Drego's assessment of his master changed over years of serving him.  In fact, Drego began questiooning his own faith in the face of some of the decisions the famous Alestair made.  Whenever faced with a problem Alestair would stare it in the face and boldly chrge towards it, eliminating with the mightiest force he could manage to bring to bear.  He frequently told young Drego that to do the Flame's work, you had to be more merciless than the demons you faced.  Horrified by this teaching, but unable to speak out against his master without facing heresy charges, Drego silently served, learned, and waited.

Eventually, he discovered in his master that the lack of mercy left him open to demonic influence, and that his master had been quite fallen for years now, serving the causes of the Lords of Dust rather than the true Flame.  Rather than tackle the problem head-on as his fallen master had taught him, Drego bided his time, and exposed his master's treachery in front of bishop of the church, freeing Drego from his servitude, foiling the plans of the Lords of Dust, and earning Drego his knightship.

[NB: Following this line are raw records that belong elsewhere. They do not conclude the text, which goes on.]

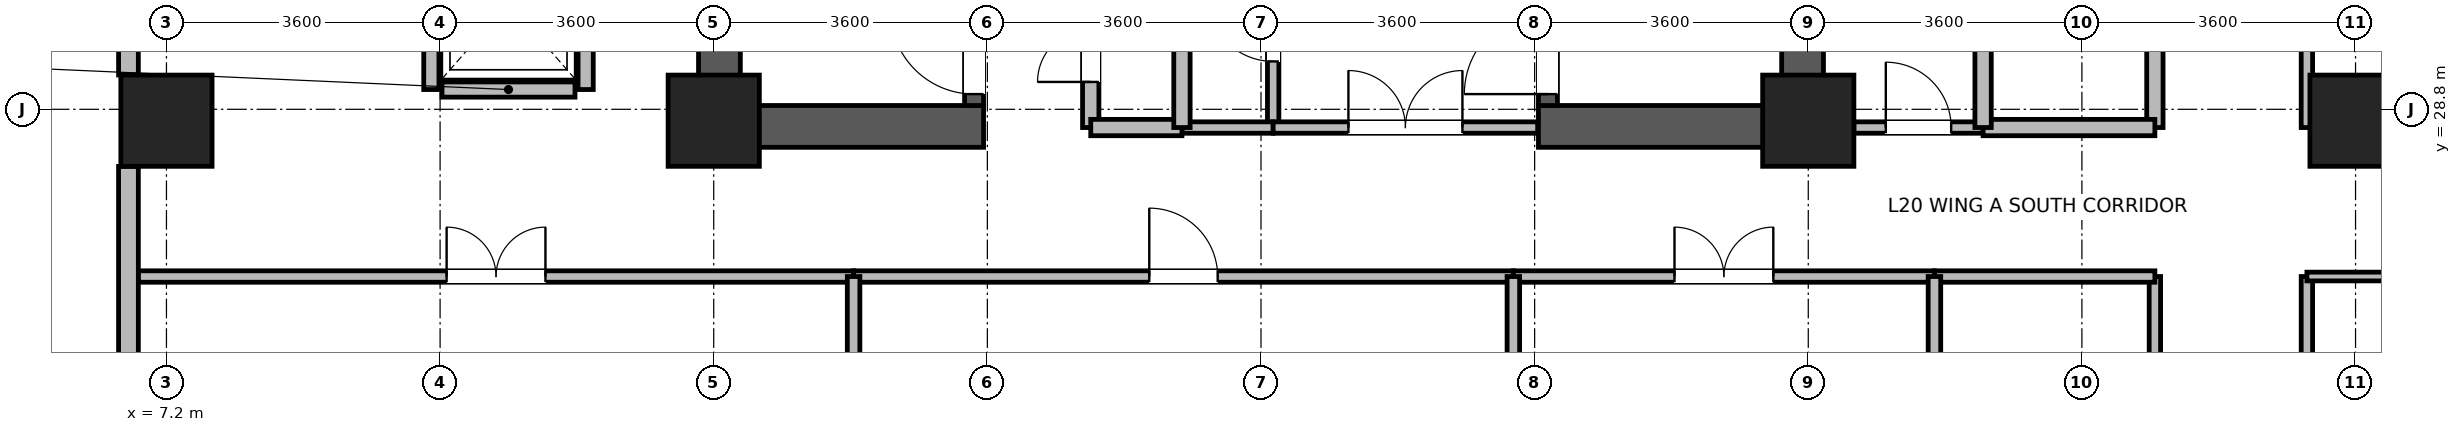
"""IFC4 building model, lengths in metres.
Left out: names, types, materials, properties, quantities, classifications, styles, units other than length and angle.
Written with IfcOpenShell. Run it as: python <this file> out.ifc"""

import sys

from ifc_helpers import new_model, si_unit, direction, frame, frame_2d, origin, origin_2d, place, context, subcontext, project, spatial, rectangle, extrude, source, transform, mapped, element, fill, save


model = new_model("IFC4")
c1 = context("Model", 3, precision=1e-05, world=origin(), true_north=direction((0.0, 1.0)))
c2 = subcontext(c1, "Body", "Model", "MODEL_VIEW")
j1 = project(units=[si_unit("LENGTHUNIT", "METRE"), si_unit("PLANEANGLEUNIT", "RADIAN")], contexts=[c1])
p1 = place(None, origin())
s1 = spatial("IfcSite", under=j1, at=p1, CompositionType="ELEMENT")
p2 = place(p1, origin())
s2 = spatial("IfcBuilding", under=s1, at=p2, CompositionType="ELEMENT")
p3 = place(p2, frame((0.0, 0.0, 82.3)))
s3 = spatial("IfcBuildingStorey", under=s2, at=p3, CompositionType="ELEMENT", Elevation=82.3)
for number, where, z_axis, x_axis in (
    (1, (14.475, 28.3, 0.0), (0.0, 0.0, 1.0), (0.0, 1.0, 0.0)),
    (2, (28.725, 28.3, 0.0), (0.0, 0.0, 1.0), (0.0, 1.0, 0.0)),
):
    element("IfcWall", number, at=place(p3, frame(where, z_axis=z_axis, x_axis=x_axis)), inside=s3, PredefinedType="SHEAR", context=c2, shape_type="SweptSolid", body=[
        extrude(rectangle(XDim=8.1, YDim=0.55, at=frame_2d((4.05, 0.0))), origin(), (0.0, 0.0, 1.0), 3.45),
    ])
for number, where, z_axis, x_axis in (
    (3, (14.75, 28.575, 0.0), (0.0, 0.0, 1.0), (1.0, 0.0, 0.0)),
    (4, (25.25, 28.575, 0.0), (0.0, 0.0, 1.0), (1.0, 0.0, 0.0)),
):
    element("IfcWall", number, at=place(p3, frame(where, z_axis=z_axis, x_axis=x_axis)), inside=s3, PredefinedType="SHEAR", context=c2, shape_type="SweptSolid", body=[
        extrude(rectangle(XDim=3.2, YDim=0.55, at=frame_2d((1.6, 0.0))), origin(), (0.0, 0.0, 1.0), 3.45),
    ])
p4 = place(p3, frame((17.825, 28.85, 0.0), z_axis=(0.0, 0.0, 1.0), x_axis=(0.0, 1.0, 0.0)))
e5 = element("IfcWall", 5, at=p4, inside=s3, PredefinedType="SHEAR", context=c2, shape_type="SweptSolid", body=[
    extrude(rectangle(XDim=7.0, YDim=0.25, at=frame_2d((3.5, 0.0))), origin(), (0.0, 0.0, 1.0), 3.45),
])
p5 = place(p4, frame((0.15, 0.0, 0.0)))
e6 = element("IfcOpeningElement", 6, at=p5, cuts=e5, PredefinedType="OPENING", context=c2, shape_type="SweptSolid", body=[
    extrude(rectangle(XDim=1.1, YDim=2.08, at=frame_2d((0.55, 1.04))), frame((0.0, 0.135, 0.0), z_axis=(0.0, -1.0, 0.0), x_axis=(1.0, 0.0, 0.0)), (0.0, 0.0, 1.0), 0.27),
])
p6 = place(p3, frame((25.375, 28.85, 0.0), z_axis=(0.0, 0.0, 1.0), x_axis=(0.0, 1.0, 0.0)))
e7 = element("IfcWall", 7, at=p6, inside=s3, PredefinedType="SHEAR", context=c2, shape_type="SweptSolid", body=[
    extrude(rectangle(XDim=7.0, YDim=0.25, at=frame_2d((3.5, 0.0))), origin(), (0.0, 0.0, 1.0), 3.45),
])
p7 = place(p6, frame((0.15, 0.0, 0.0)))
e8 = element("IfcOpeningElement", 8, at=p7, cuts=e7, PredefinedType="OPENING", context=c2, shape_type="SweptSolid", body=[
    extrude(rectangle(XDim=1.1, YDim=2.08, at=frame_2d((0.55, 1.04))), frame((0.0, 0.135, 0.0), z_axis=(0.0, -1.0, 0.0), x_axis=(1.0, 0.0, 0.0)), (0.0, 0.0, 1.0), 0.27),
])
m1 = source(origin(), c2, "Body", "SweptSolid", [
    extrude(rectangle(XDim=1.2, YDim=1.2, at=origin_2d()), origin(), (0.0, 0.0, 1.0), 3.7),
])
for number, where, z_axis, x_axis in (
    (9, (7.2, 28.65, 0.0), (0.0, 0.0, 1.0), (1.0, 0.0, 0.0)),
    (10, (14.4, 28.65, 0.0), (0.0, 0.0, 1.0), (1.0, 0.0, 0.0)),
    (11, (28.8, 28.65, 0.0), (0.0, 0.0, 1.0), (1.0, 0.0, 0.0)),
    (12, (36.0, 28.65, 0.0), (0.0, 0.0, 1.0), (1.0, 0.0, 0.0)),
):
    element("IfcColumn", number, at=place(p3, frame(where, z_axis=z_axis, x_axis=x_axis)), inside=s3, PredefinedType="COLUMN", context=c2, shape_type="MappedRepresentation", body=[
        mapped(m1, transform((0.0, 0.0, 0.0), x_axis=(1.0, 0.0, 0.0), y_axis=(0.0, 1.0, 0.0), z_axis=(0.0, 0.0, 1.0), scale=1.0)),
    ])
p8 = place(p3, frame((6.7, 29.251, 0.0), z_axis=(0.0, 0.0, 1.0), x_axis=(0.0, 1.0, 0.0)))
e13 = element("IfcWall", 13, at=p8, inside=s3, PredefinedType="STANDARD", context=c2, shape_type="SweptSolid", body=[
    extrude(rectangle(XDim=6.298, YDim=0.26, at=frame_2d((3.149, 0.0))), origin(), (0.0, 0.0, 1.0), 3.43),
])
p9 = place(p8, frame((2.674, 0.0, 0.85)))
e14 = element("IfcOpeningElement", 14, at=p9, cuts=e13, PredefinedType="OPENING", context=c2, shape_type="SweptSolid", body=[
    extrude(rectangle(XDim=0.95, YDim=1.75, at=frame_2d((0.475, 0.875))), frame((0.0, 0.14, 0.0), z_axis=(0.0, -1.0, 0.0), x_axis=(1.0, 0.0, 0.0)), (0.0, 0.0, 1.0), 0.28),
])
p10 = place(p8, frame((1.112, 0.0, 0.85)))
e15 = element("IfcOpeningElement", 15, at=p10, cuts=e13, PredefinedType="OPENING", context=c2, shape_type="SweptSolid", body=[
    extrude(rectangle(XDim=0.95, YDim=1.75, at=frame_2d((0.475, 0.875))), frame((0.0, 0.14, 0.0), z_axis=(0.0, -1.0, 0.0), x_axis=(1.0, 0.0, 0.0)), (0.0, 0.0, 1.0), 0.28),
])
p11 = place(p3, frame((6.7, 21.47, 0.0), z_axis=(0.0, 0.0, 1.0), x_axis=(0.0, 1.0, 0.0)))
e16 = element("IfcWall", 16, at=p11, inside=s3, PredefinedType="STANDARD", context=c2, shape_type="SweptSolid", body=[
    extrude(rectangle(XDim=6.579, YDim=0.26, at=frame_2d((3.29, 0.0))), origin(), (0.0, 0.0, 1.0), 3.43),
])
p12 = place(p11, frame((2.814, 0.0, 0.85)))
e17 = element("IfcOpeningElement", 17, at=p12, cuts=e16, PredefinedType="OPENING", context=c2, shape_type="SweptSolid", body=[
    extrude(rectangle(XDim=0.95, YDim=1.75, at=frame_2d((0.475, 0.875))), frame((0.0, 0.14, 0.0), z_axis=(0.0, -1.0, 0.0), x_axis=(1.0, 0.0, 0.0)), (0.0, 0.0, 1.0), 0.28),
])
p13 = place(p11, frame((1.183, 0.0, 0.85)))
e18 = element("IfcOpeningElement", 18, at=p13, cuts=e16, PredefinedType="OPENING", context=c2, shape_type="SweptSolid", body=[
    extrude(rectangle(XDim=0.95, YDim=1.75, at=frame_2d((0.475, 0.875))), frame((0.0, 0.14, 0.0), z_axis=(0.0, -1.0, 0.0), x_axis=(1.0, 0.0, 0.0)), (0.0, 0.0, 1.0), 0.28),
])
p14 = place(p3, frame((10.825, 29.06, 0.0), z_axis=(0.0, 0.0, 1.0), x_axis=(1.0, 0.0, 0.0)))
e19 = element("IfcWall", 19, at=p14, inside=s3, PredefinedType="PARTITIONING", context=c2, shape_type="SweptSolid", body=[
    extrude(rectangle(XDim=1.75, YDim=0.2, at=frame_2d((0.875, 0.0))), origin(), (0.0, 0.0, 1.0), 3.43),
])
for number, where, z_axis, x_axis in (
    (20, (10.685, 29.06, 0.0), (0.0, 0.0, 1.0), (0.0, 1.0, 0.0)),
    (21, (12.715, 29.06, 0.0), (0.0, 0.0, 1.0), (0.0, 1.0, 0.0)),
):
    element("IfcWall", number, at=place(p3, frame(where, z_axis=z_axis, x_axis=x_axis)), inside=s3, PredefinedType="PARTITIONING", context=c2, shape_type="SweptSolid", body=[
        extrude(rectangle(XDim=2.28, YDim=0.2, at=frame_2d((1.14, 0.0))), origin(), (0.0, 0.0, 1.0), 3.43),
    ])
p15 = place(p3, frame((35.36, 16.96, 0.0), z_axis=(0.0, 0.0, 1.0), x_axis=(0.0, 1.0, 0.0)))
e22 = element("IfcWall", 22, at=p15, inside=s3, PredefinedType="PARTITIONING", context=c2, shape_type="SweptSolid", body=[
    extrude(rectangle(XDim=9.64, YDim=0.15, at=frame_2d((4.82, 0.0))), origin(), (0.0, 0.0, 1.0), 3.43),
])
p16 = place(p15, frame((2.435, 0.0, 0.0)))
e23 = element("IfcOpeningElement", 23, at=p16, cuts=e22, PredefinedType="OPENING", context=c2, shape_type="SweptSolid", body=[
    extrude(rectangle(XDim=1.3, YDim=2.12, at=frame_2d((0.65, 1.06))), frame((0.0, 0.085, 0.0), z_axis=(0.0, -1.0, 0.0), x_axis=(1.0, 0.0, 0.0)), (0.0, 0.0, 1.0), 0.17),
])
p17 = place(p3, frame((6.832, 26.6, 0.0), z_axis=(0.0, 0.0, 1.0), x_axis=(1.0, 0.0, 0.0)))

Drego's first instincts were to lead a life similar to his master, traveling Khorvaire in search of evil to fight, but one knight, the Flame whispered in the back of his mind, "Listen to me, and I shall teach you my will."  Drego meditated, waiting for the voice to return, and saught out the help of some very spiritual advisors within Thrane.  Drego sold his fancy mount, fine sword, ornamental shield, and plate armor and gave the money to a war orphanage and spent a year and a day living on top of a mountain sacred to the Silver Flame.  There he claims to have seen many things, most that he is unable to clearly remember or reveal.  When he descended he was changed, clad in mithril chain armor and carrying a simple spear with a silvery head.  He spoke the church of his visions, and they agreed that they were a true calling of the Flame: Equipped with some magical artifacts they could spare, Drego should travel across the sea to Xen'drik and seek out a powerful piece of Knowledge that will empower the church of the Flame forever.[/sblock]
[sblock=Appearance/Personality]Drego ir'Corus is a handsome, thin, and well-muscled man.  He wears a silver shirt of chain covered by a simple red tabard, lined in cloth-of-silver.  On this tabard he wears a pin that has a fairly brilliant red crystal inlaid on it.  Around his neck he wears a fine silver chain with a pearl pendant.  He wears a footman's helm over his face, but when he removes it his face is revealed to be handsome, if unmemorable.  His eyes are so light a shade of brown, they sometimes appear orange when reflecting the sun, and his dirty-blond hair is kept cropped short.  On his belt he wears the symbol of the Silver Flame, set in silvery flame-touched iron.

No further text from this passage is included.